私が潜在的にはじめを男性として意識している・・・・・・。そういう可能性もあるのかな?

「可能性はあるぞ?

 ちょっと数値化してみるか?お前が女になってから異性に対する恋愛感情の重さを。」

「・・・・なにそれ。恋愛ゲーム?」

「うむ。お前が今朝始めていたBLゲームの・・・・」

「・・・・いわないで。だって、お兄ちゃんが声出しているんだもん」

私が俯くと、お姉様は「しかたない。あの声は反則じゃもんなぁ・・・。」

と言いつつ、空中にグラフを出す。

「よいか?お前がモブキャラに感じている感情を1として見ろ。

 隆盛が5じゃ。

 不知火が7じゃ。

 たけるが15じゃ。

 はじめが3じゃな。」

・・・お、お兄ちゃん。私の中で15なんだ・・・・・。

「そりゃ、四六時中、あの声聞いておるからのぉ。付き合わされる妾の身にもなれ。男もおらんのに女ざかりがあの声をきかされるのは地獄じゃぞ。体が夜泣きしてたまらぬわっ!!」

お姉様は、自分の体をいやらしくまさぐりながら、私を恨みがましく見る。

「・・・・・・・だってぇ・・・。」

「ま、妾もあの声にはお()()()()()()()()。あれが聞けないのは、正直、切ない。

 良い、許す。」

・・・・・地母神までよがらせるお兄ちゃんの声って、一体・・・・・・。

「間違いなく、声の神の加護を受けた天授の才能じゃ。遠くない未来、あの男はBL界のキングになるであろう。」

・・・ううっ・・・・・スケールが小さいのか、大きいのかわからない・・・・・・

お兄ちゃん頑張れっ!

「それよりも、お前。妾に聞きたいことがあったじゃろう?」

ああっ!!そうそうっ!!

お姉様がエッチな事ばかり言うから、忘れてたわっ!!

「あんっ?お前今、なんと言うた?」



「あのね、お姉様。なんか、私の身長縮んでないっ?」

私の問いかけにお姉様は、じっと私を睨みつけたまま、いつになく真剣な顔で答えてくれた。

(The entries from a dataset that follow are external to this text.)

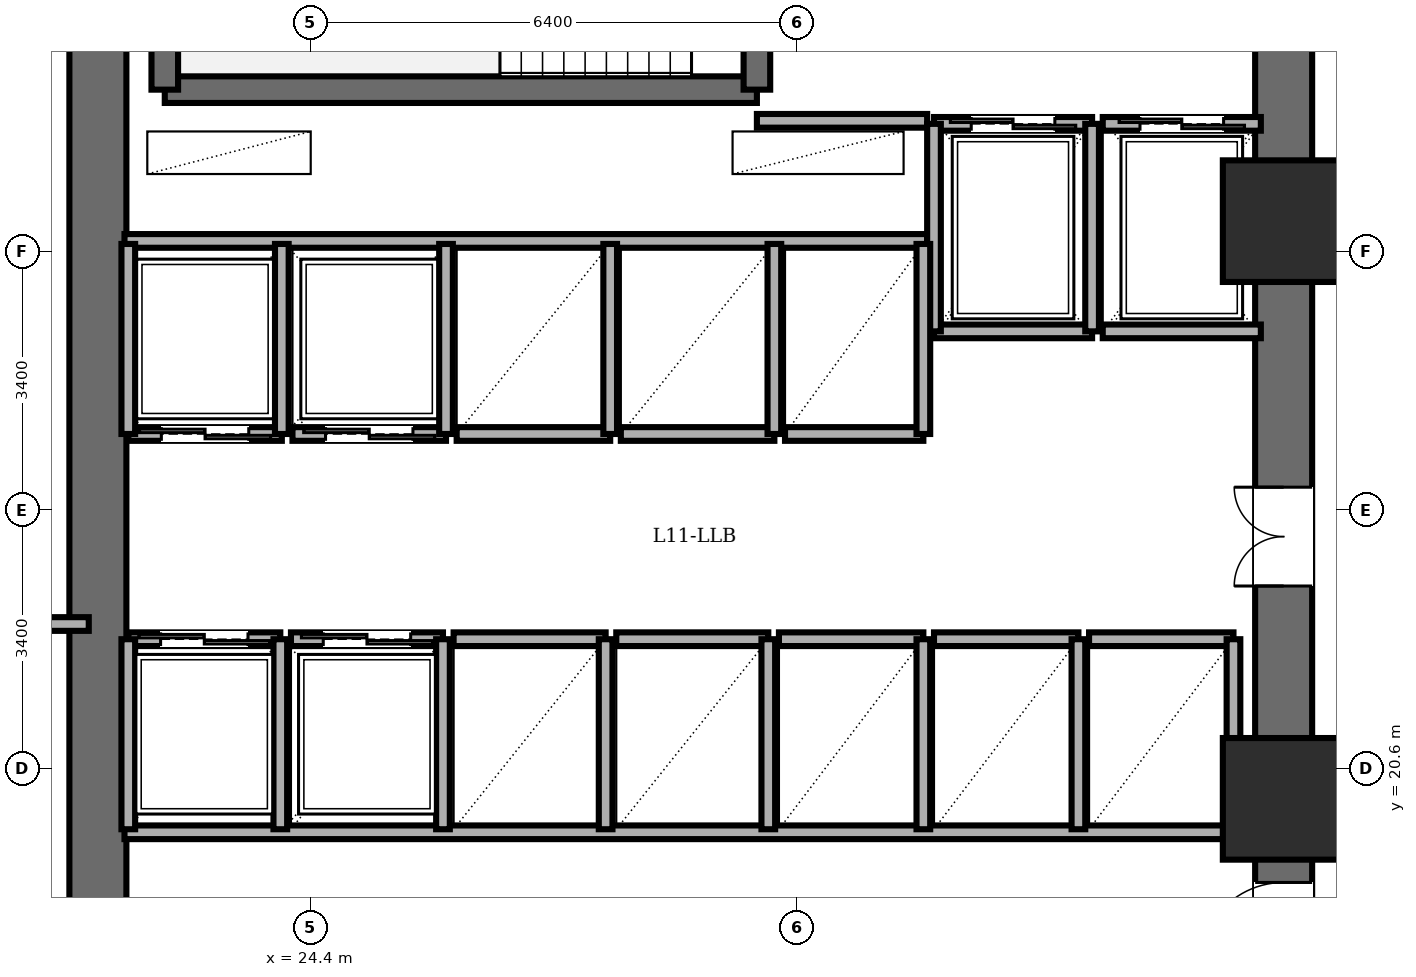
"""IFC4 building model, lengths in metres.
Left out: names, types, materials, properties, quantities, classifications, styles, units other than length and angle.
Written with IfcOpenShell. Run it as: python <this file> out.ifc"""

import sys

from ifc_helpers import new_model, si_unit, direction, frame, frame_2d, origin, origin_2d, place, context, subcontext, project, spatial, rectangle, extrude, element, fill, save


model = new_model("IFC4")
c1 = context("Model", 3, precision=1e-05, world=origin(), true_north=direction((0.0, 1.0)))
c2 = subcontext(c1, "Body", "Model", "MODEL_VIEW")
j1 = project(units=[si_unit("LENGTHUNIT", "METRE"), si_unit("PLANEANGLEUNIT", "RADIAN")], contexts=[c1])
p1 = place(None, origin())
s1 = spatial("IfcSite", under=j1, at=p1, CompositionType="ELEMENT")
p2 = place(p1, origin())
s2 = spatial("IfcBuilding", under=s1, at=p2, CompositionType="ELEMENT")
p3 = place(p2, frame((0.0, 0.0, 43.2)))
s3 = spatial("IfcBuildingStorey", under=s2, at=p3, CompositionType="ELEMENT", Elevation=43.2)
for number, where, z_axis, x_axis in (
    (1, (37.2, 20.2, 0.0), (0.0, 0.0, 1.0), (1.0, 0.0, 0.0)),
    (2, (37.2, 27.8, 0.0), (0.0, 0.0, 1.0), (1.0, 0.0, 0.0)),
):
    element("IfcColumn", number, at=place(p3, frame(where, z_axis=z_axis, x_axis=x_axis)), inside=s3, PredefinedType="COLUMN", context=c2, shape_type="SweptSolid", body=[
        extrude(rectangle(XDim=1.6, YDim=1.6, at=origin_2d()), origin(), (0.0, 0.0, 1.0), 3.6),
    ])
p4 = place(p3, frame((21.6, 14.4, 0.0), z_axis=(0.0, 0.0, 1.0), x_axis=(0.0, 1.0, 0.0)))
e3 = element("IfcWall", 3, at=p4, inside=s3, PredefinedType="SHEAR", context=c2, shape_type="SweptSolid", body=[
    extrude(rectangle(XDim=19.2, YDim=0.75, at=frame_2d((9.6, 0.0))), origin(), (0.0, 0.0, 1.0), 3.4),
])
p5 = place(p3, frame((37.2, 14.4, 0.0), z_axis=(0.0, 0.0, 1.0), x_axis=(0.0, 1.0, 0.0)))
e4 = element("IfcWall", 4, at=p5, inside=s3, PredefinedType="SHEAR", context=c2, shape_type="SweptSolid", body=[
    extrude(rectangle(XDim=19.2, YDim=0.75, at=frame_2d((9.6, 0.0))), origin(), (0.0, 0.0, 1.0), 3.4),
])
p6 = place(p5, frame((15.8, 0.0, 0.0)))
e5 = element("IfcOpeningElement", 5, at=p6, cuts=e4, PredefinedType="OPENING", context=c2, shape_type="SweptSolid", body=[
    extrude(rectangle(XDim=1.15, YDim=2.15, at=frame_2d((0.575, 1.075))), frame((0.0, 0.385, 0.0), z_axis=(0.0, -1.0, 0.0), x_axis=(1.0, 0.0, 0.0)), (0.0, 0.0, 1.0), 0.77),
])
p7 = place(p5, frame((3.6, 0.0, 0.0)))
e6 = element("IfcOpeningElement", 6, at=p7, cuts=e4, PredefinedType="OPENING", context=c2, shape_type="SweptSolid", body=[
    extrude(rectangle(XDim=1.1, YDim=2.15, at=frame_2d((0.55, 1.075))), frame((0.0, 0.385, 0.0), z_axis=(0.0, -1.0, 0.0), x_axis=(1.0, 0.0, 0.0)), (0.0, 0.0, 1.0), 0.77),
])
p8 = place(p5, frame((8.6, 0.0, 0.0)))
e7 = element("IfcOpeningElement", 7, at=p8, cuts=e4, PredefinedType="OPENING", context=c2, shape_type="SweptSolid", body=[
    extrude(rectangle(XDim=1.3, YDim=2.2, at=frame_2d((0.65, 1.1))), frame((0.0, 0.385, 0.0), z_axis=(0.0, -1.0, 0.0), x_axis=(1.0, 0.0, 0.0)), (0.0, 0.0, 1.0), 0.77),
])
p9 = place(p3, frame((22.48, 29.53, 0.0), z_axis=(0.0, 0.0, 1.0), x_axis=(1.0, 0.0, 0.0)))
e8 = element("IfcWall", 8, at=p9, inside=s3, PredefinedType="SOLIDWALL", context=c2, shape_type="SweptSolid", body=[
    extrude(rectangle(XDim=7.79, YDim=0.35, at=frame_2d((3.895, 0.0))), origin(), (0.0, 0.0, 1.0), 3.4),
])
p10 = place(p3, frame((22.48, 29.53, 0.0), z_axis=(0.0, 0.0, 1.0), x_axis=(0.0, 1.0, 0.0)))
e9 = element("IfcWall", 9, at=p10, inside=s3, PredefinedType="SOLIDWALL", context=c2, shape_type="SweptSolid", body=[
    extrude(rectangle(XDim=3.58, YDim=0.35, at=frame_2d((1.79, 0.0))), origin(), (0.0, 0.0, 1.0), 3.4),
])
p11 = place(p3, frame((30.27, 29.53, 0.0), z_axis=(0.0, 0.0, 1.0), x_axis=(0.0, 1.0, 0.0)))
e10 = element("IfcWall", 10, at=p11, inside=s3, PredefinedType="SOLIDWALL", context=c2, shape_type="SweptSolid", body=[
    extrude(rectangle(XDim=3.58, YDim=0.35, at=frame_2d((1.79, 0.0))), origin(), (0.0, 0.0, 1.0), 3.4),
])
p12 = place(p11, frame((1.25, 0.0, 0.0)))
e11 = element("IfcOpeningElement", 11, at=p12, cuts=e10, PredefinedType="OPENING", context=c2, shape_type="SweptSolid", body=[
    extrude(rectangle(XDim=1.1, YDim=2.15, at=frame_2d((0.55, 1.075))), frame((0.0, 0.185, 0.0), z_axis=(0.0, -1.0, 0.0), x_axis=(1.0, 0.0, 0.0)), (0.0, 0.0, 1.0), 0.37),
])
p13 = place(p3, frame((30.27, 29.12, 0.0), z_axis=(0.0, 0.0, 1.0), x_axis=(1.0, 0.0, 0.0)))
e12 = element("IfcWall", 12, at=p13, inside=s3, PredefinedType="PARTITIONING", context=c2, shape_type="SweptSolid", body=[
    extrude(rectangle(XDim=2.24, YDim=0.18, at=frame_2d((1.12, 0.0))), origin(), (0.0, 0.0, 1.0), 3.4),
])
p14 = place(p3, frame((21.95, 27.54, 0.0), z_axis=(0.0, 0.0, 1.0), x_axis=(1.0, 0.0, 0.0)))
e13 = element("IfcWall", 13, at=p14, inside=s3, PredefinedType="PARTITIONING", context=c2, shape_type="SweptSolid", body=[
    extrude(rectangle(XDim=10.56, YDim=0.18, at=frame_2d((5.28, 0.0))), origin(), (0.0, 0.0, 1.0), 3.4),
])
p15 = place(p3, frame((21.95, 19.76, 0.0), z_axis=(0.0, 0.0, 1.0), x_axis=(1.0, 0.0, 0.0)))
e14 = element("IfcWall", 14, at=p15, inside=s3, PredefinedType="PARTITIONING", context=c2, shape_type="SweptSolid", body=[
    extrude(rectangle(XDim=14.87, YDim=0.18, at=frame_2d((7.435, 0.0))), origin(), (0.0, 0.0, 1.0), 3.4),
])
p16 = place(p3, frame((32.6, 29.08, 0.0), z_axis=(0.0, 0.0, 1.0), x_axis=(1.0, 0.0, 0.0)))
e15 = element("IfcWall", 15, at=p16, inside=s3, PredefinedType="PARTITIONING", context=c2, shape_type="SweptSolid", body=[
    extrude(rectangle(XDim=2.08, YDim=0.18, at=frame_2d((1.04, 0.0))), origin(), (0.0, 0.0, 1.0), 3.4),
])
p17 = place(p16, frame((0.49, 0.0, 0.0)))
e16 = element("IfcOpeningElement", 16, at=p17, cuts=e15, PredefinedType="OPENING", context=c2, shape_type="SweptSolid", body=[
    extrude(rectangle(XDim=1.1, YDim=2.2, at=frame_2d((0.55, 1.1))), frame((0.0, 0.1, 0.0), z_axis=(0.0, -1.0, 0.0), x_axis=(1.0, 0.0, 0.0)), (0.0, 0.0, 1.0), 0.2),
])
p18 = place(p3, frame((34.68, 26.35, 0.0), z_axis=(0.0, 0.0, 1.0), x_axis=(-1.0, 0.0, 0.0)))
e17 = element("IfcWall", 17, at=p18, inside=s3, PredefinedType="PARTITIONING", context=c2, shape_type="SweptSolid", body=[
    extrude(rectangle(XDim=2.08, YDim=0.18, at=frame_2d((1.04, 0.0))), origin(), (0.0, 0.0, 1.0), 3.4),
])
for number, where, z_axis, x_axis in (
    (18, (34.68, 26.35, 0.0), (0.0, 0.0, 1.0), (0.0, 1.0, 0.0)),
    (19, (32.6, 29.08, 0.0), (0.0, 0.0, 1.0), (0.0, -1.0, 0.0)),
):
    element("IfcWall", number, at=place(p3, frame(where, z_axis=z_axis, x_axis=x_axis)), inside=s3, PredefinedType="PARTITIONING", context=c2, shape_type="SweptSolid", body=[
        extrude(rectangle(XDim=2.73, YDim=0.18, at=frame_2d((1.365, 0.0))), origin(), (0.0, 0.0, 1.0), 3.4),
    ])
p19 = place(p3, frame((34.82, 29.08, 0.0), z_axis=(0.0, 0.0, 1.0), x_axis=(1.0, 0.0, 0.0)))
e20 = element("IfcWall", 20, at=p19, inside=s3, PredefinedType="PARTITIONING", context=c2, shape_type="SweptSolid", body=[
    extrude(rectangle(XDim=2.08, YDim=0.18, at=frame_2d((1.04, 0.0))), origin(), (0.0, 0.0, 1.0), 3.4),
])
p20 = place(p19, frame((0.49, 0.0, 0.0)))
e21 = element("IfcOpeningElement", 21, at=p20, cuts=e20, PredefinedType="OPENING", context=c2, shape_type="SweptSolid", body=[
    extrude(rectangle(XDim=1.1, YDim=2.2, at=frame_2d((0.55, 1.1))), frame((0.0, 0.1, 0.0), z_axis=(0.0, -1.0, 0.0), x_axis=(1.0, 0.0, 0.0)), (0.0, 0.0, 1.0), 0.2),
])
p21 = place(p3, frame((36.9, 26.35, 0.0), z_axis=(0.0, 0.0, 1.0), x_axis=(-1.0, 0.0, 0.0)))
e22 = element("IfcWall", 22, at=p21, inside=s3, PredefinedType="PARTITIONING", context=c2, shape_type="SweptSolid", body=[
    extrude(rectangle(XDim=2.08, YDim=0.18, at=frame_2d((1.04, 0.0))), origin(), (0.0, 0.0, 1.0), 3.4),
])
p22 = place(p3, frame((24.02, 25.0, 0.0), z_axis=(0.0, 0.0, 1.0), x_axis=(-1.0, 0.0, 0.0)))
e23 = element("IfcWall", 23, at=p22, inside=s3, PredefinedType="PARTITIONING", context=c2, shape_type="SweptSolid", body=[
    extrude(rectangle(XDim=2.02, YDim=0.18, at=frame_2d((1.01, 0.0))), origin(), (0.0, 0.0, 1.0), 3.4),
])
p23 = place(p22, frame((0.435, 0.0, 0.0)))
e24 = element("IfcOpeningElement", 24, at=p23, cuts=e23, PredefinedType="OPENING", context=c2, shape_type="SweptSolid", body=[
    extrude(rectangle(XDim=1.15, YDim=2.2, at=frame_2d((0.575, 1.1))), frame((0.0, 0.1, 0.0), z_axis=(0.0, -1.0, 0.0), x_axis=(1.0, 0.0, 0.0)), (0.0, 0.0, 1.0), 0.2),
])
for number, where, z_axis, x_axis in (
    (25, (24.02, 25.0, 0.0), (0.0, 0.0, 1.0), (0.0, 1.0, 0.0)),
    (26, (22.0, 27.5, 0.0), (0.0, 0.0, 1.0), (0.0, -1.0, 0.0)),
):
    element("IfcWall", number, at=place(p3, frame(where, z_axis=z_axis, x_axis=x_axis)), inside=s3, PredefinedType="PARTITIONING", context=c2, shape_type="SweptSolid", body=[
        extrude(rectangle(XDim=2.5, YDim=0.18, at=frame_2d((1.25, 0.0))), origin(), (0.0, 0.0, 1.0), 3.4),
    ])
p24 = place(p3, frame((26.18, 25.0, 0.0), z_axis=(0.0, 0.0, 1.0), x_axis=(-1.0, 0.0, 0.0)))
e27 = element("IfcWall", 27, at=p24, inside=s3, PredefinedType="PARTITIONING", context=c2, shape_type="SweptSolid", body=[
    extrude(rectangle(XDim=2.02, YDim=0.18, at=frame_2d((1.01, 0.0))), origin(), (0.0, 0.0, 1.0), 3.4),
])
p25 = place(p24, frame((0.435, 0.0, 0.0)))
e28 = element("IfcOpeningElement", 28, at=p25, cuts=e27, PredefinedType="OPENING", context=c2, shape_type="SweptSolid", body=[
    extrude(rectangle(XDim=1.15, YDim=2.2, at=frame_2d((0.575, 1.1))), frame((0.0, 0.1, 0.0), z_axis=(0.0, -1.0, 0.0), x_axis=(1.0, 0.0, 0.0)), (0.0, 0.0, 1.0), 0.2),
])
p26 = place(p3, frame((26.18, 25.0, 0.0), z_axis=(0.0, 0.0, 1.0), x_axis=(0.0, 1.0, 0.0)))
e29 = element("IfcWall", 29, at=p26, inside=s3, PredefinedType="PARTITIONING", context=c2, shape_type="SweptSolid", body=[
    extrude(rectangle(XDim=2.5, YDim=0.18, at=frame_2d((1.25, 0.0))), origin(), (0.0, 0.0, 1.0), 3.4),
])
p27 = place(p3, frame((22.0, 22.3, 0.0), z_axis=(0.0, 0.0, 1.0), x_axis=(1.0, 0.0, 0.0)))
e30 = element("IfcWall", 30, at=p27, inside=s3, PredefinedType="PARTITIONING", context=c2, shape_type="SweptSolid", body=[
    extrude(rectangle(XDim=2.0, YDim=0.18, at=frame_2d((1.0, 0.0))), origin(), (0.0, 0.0, 1.0), 3.4),
])
p28 = place(p27, frame((0.425, 0.0, 0.0)))
e31 = element("IfcOpeningElement", 31, at=p28, cuts=e30, PredefinedType="OPENING", context=c2, shape_type="SweptSolid", body=[
    extrude(rectangle(XDim=1.15, YDim=2.2, at=frame_2d((0.575, 1.1))), frame((0.0, 0.1, 0.0), z_axis=(0.0, -1.0, 0.0), x_axis=(1.0, 0.0, 0.0)), (0.0, 0.0, 1.0), 0.2),
])
for number, where, z_axis, x_axis in (
    (32, (24.0, 19.8, 0.0), (0.0, 0.0, 1.0), (0.0, 1.0, 0.0)),
    (33, (22.0, 22.3, 0.0), (0.0, 0.0, 1.0), (0.0, -1.0, 0.0)),
):
    element("IfcWall", number, at=place(p3, frame(where, z_axis=z_axis, x_axis=x_axis)), inside=s3, PredefinedType="PARTITIONING", context=c2, shape_type="SweptSolid", body=[
        extrude(rectangle(XDim=2.5, YDim=0.18, at=frame_2d((1.25, 0.0))), origin(), (0.0, 0.0, 1.0), 3.4),
    ])
p29 = place(p3, frame((24.14, 22.3, 0.0), z_axis=(0.0, 0.0, 1.0), x_axis=(1.0, 0.0, 0.0)))
e34 = element("IfcWall", 34, at=p29, inside=s3, PredefinedType="PARTITIONING", context=c2, shape_type="SweptSolid", body=[
    extrude(rectangle(XDim=2.0, YDim=0.18, at=frame_2d((1.0, 0.0))), origin(), (0.0, 0.0, 1.0), 3.4),
])
p30 = place(p29, frame((0.425, 0.0, 0.0)))
e35 = element("IfcOpeningElement", 35, at=p30, cuts=e34, PredefinedType="OPENING", context=c2, shape_type="SweptSolid", body=[
    extrude(rectangle(XDim=1.15, YDim=2.2, at=frame_2d((0.575, 1.1))), frame((0.0, 0.1, 0.0), z_axis=(0.0, -1.0, 0.0), x_axis=(1.0, 0.0, 0.0)), (0.0, 0.0, 1.0), 0.2),
])
p31 = place(p3, frame((26.14, 19.8, 0.0), z_axis=(0.0, 0.0, 1.0), x_axis=(0.0, 1.0, 0.0)))
e36 = element("IfcWall", 36, at=p31, inside=s3, PredefinedType="PARTITIONING", context=c2, shape_type="SweptSolid", body=[
    extrude(rectangle(XDim=2.5, YDim=0.18, at=frame_2d((1.25, 0.0))), origin(), (0.0, 0.0, 1.0), 3.4),
])
p32 = place(p3, frame((28.34, 25.0, 0.0), z_axis=(0.0, 0.0, 1.0), x_axis=(-1.0, 0.0, 0.0)))
e37 = element("IfcWall", 37, at=p32, inside=s3, PredefinedType="PARTITIONING", context=c2, shape_type="SweptSolid", body=[
    extrude(rectangle(XDim=2.02, YDim=0.18, at=frame_2d((1.01, 0.0))), origin(), (0.0, 0.0, 1.0), 3.4),
])
p33 = place(p3, frame((28.34, 25.0, 0.0), z_axis=(0.0, 0.0, 1.0), x_axis=(0.0, 1.0, 0.0)))
e38 = element("IfcWall", 38, at=p33, inside=s3, PredefinedType="PARTITIONING", context=c2, shape_type="SweptSolid", body=[
    extrude(rectangle(XDim=2.5, YDim=0.18, at=frame_2d((1.25, 0.0))), origin(), (0.0, 0.0, 1.0), 3.4),
])
p34 = place(p3, frame((30.5, 25.0, 0.0), z_axis=(0.0, 0.0, 1.0), x_axis=(-1.0, 0.0, 0.0)))
e39 = element("IfcWall", 39, at=p34, inside=s3, PredefinedType="PARTITIONING", context=c2, shape_type="SweptSolid", body=[
    extrude(rectangle(XDim=2.02, YDim=0.18, at=frame_2d((1.01, 0.0))), origin(), (0.0, 0.0, 1.0), 3.4),
])
p35 = place(p3, frame((30.5, 25.0, 0.0), z_axis=(0.0, 0.0, 1.0), x_axis=(0.0, 1.0, 0.0)))
e40 = element("IfcWall", 40, at=p35, inside=s3, PredefinedType="PARTITIONING", context=c2, shape_type="SweptSolid", body=[
    extrude(rectangle(XDim=2.5, YDim=0.18, at=frame_2d((1.25, 0.0))), origin(), (0.0, 0.0, 1.0), 3.4),
])
p36 = place(p3, frame((26.28, 22.3, 0.0), z_axis=(0.0, 0.0, 1.0), x_axis=(1.0, 0.0, 0.0)))
e41 = element("IfcWall", 41, at=p36, inside=s3, PredefinedType="PARTITIONING", context=c2, shape_type="SweptSolid", body=[
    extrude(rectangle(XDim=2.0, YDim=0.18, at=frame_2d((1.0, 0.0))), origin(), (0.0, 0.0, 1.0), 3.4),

「当たり前じゃ。お前の体を作り変えるのに、お前の体を消費しておるのじゃからな。消費した分、ちぢみもする。

 しかもここ数日、お前の背丈が縮んでおる原因は・・・・・。」

お姉様は、そこまでいうと今度は、人差し指で私のお腹を指差した。



「これまでは外見だけが女じゃったが、そろそろ内部も仕上がってくるぞ。

 ようするに子宮が出来上がってこようとしているという事じゃ。

 もうすぐ生理が始まるぞ。」



・・・・・・・

・・・・・・・・・生理がはじまる・・・・・・・。

その言葉に私は雷に打たれたかのように、固まってしまうのでした。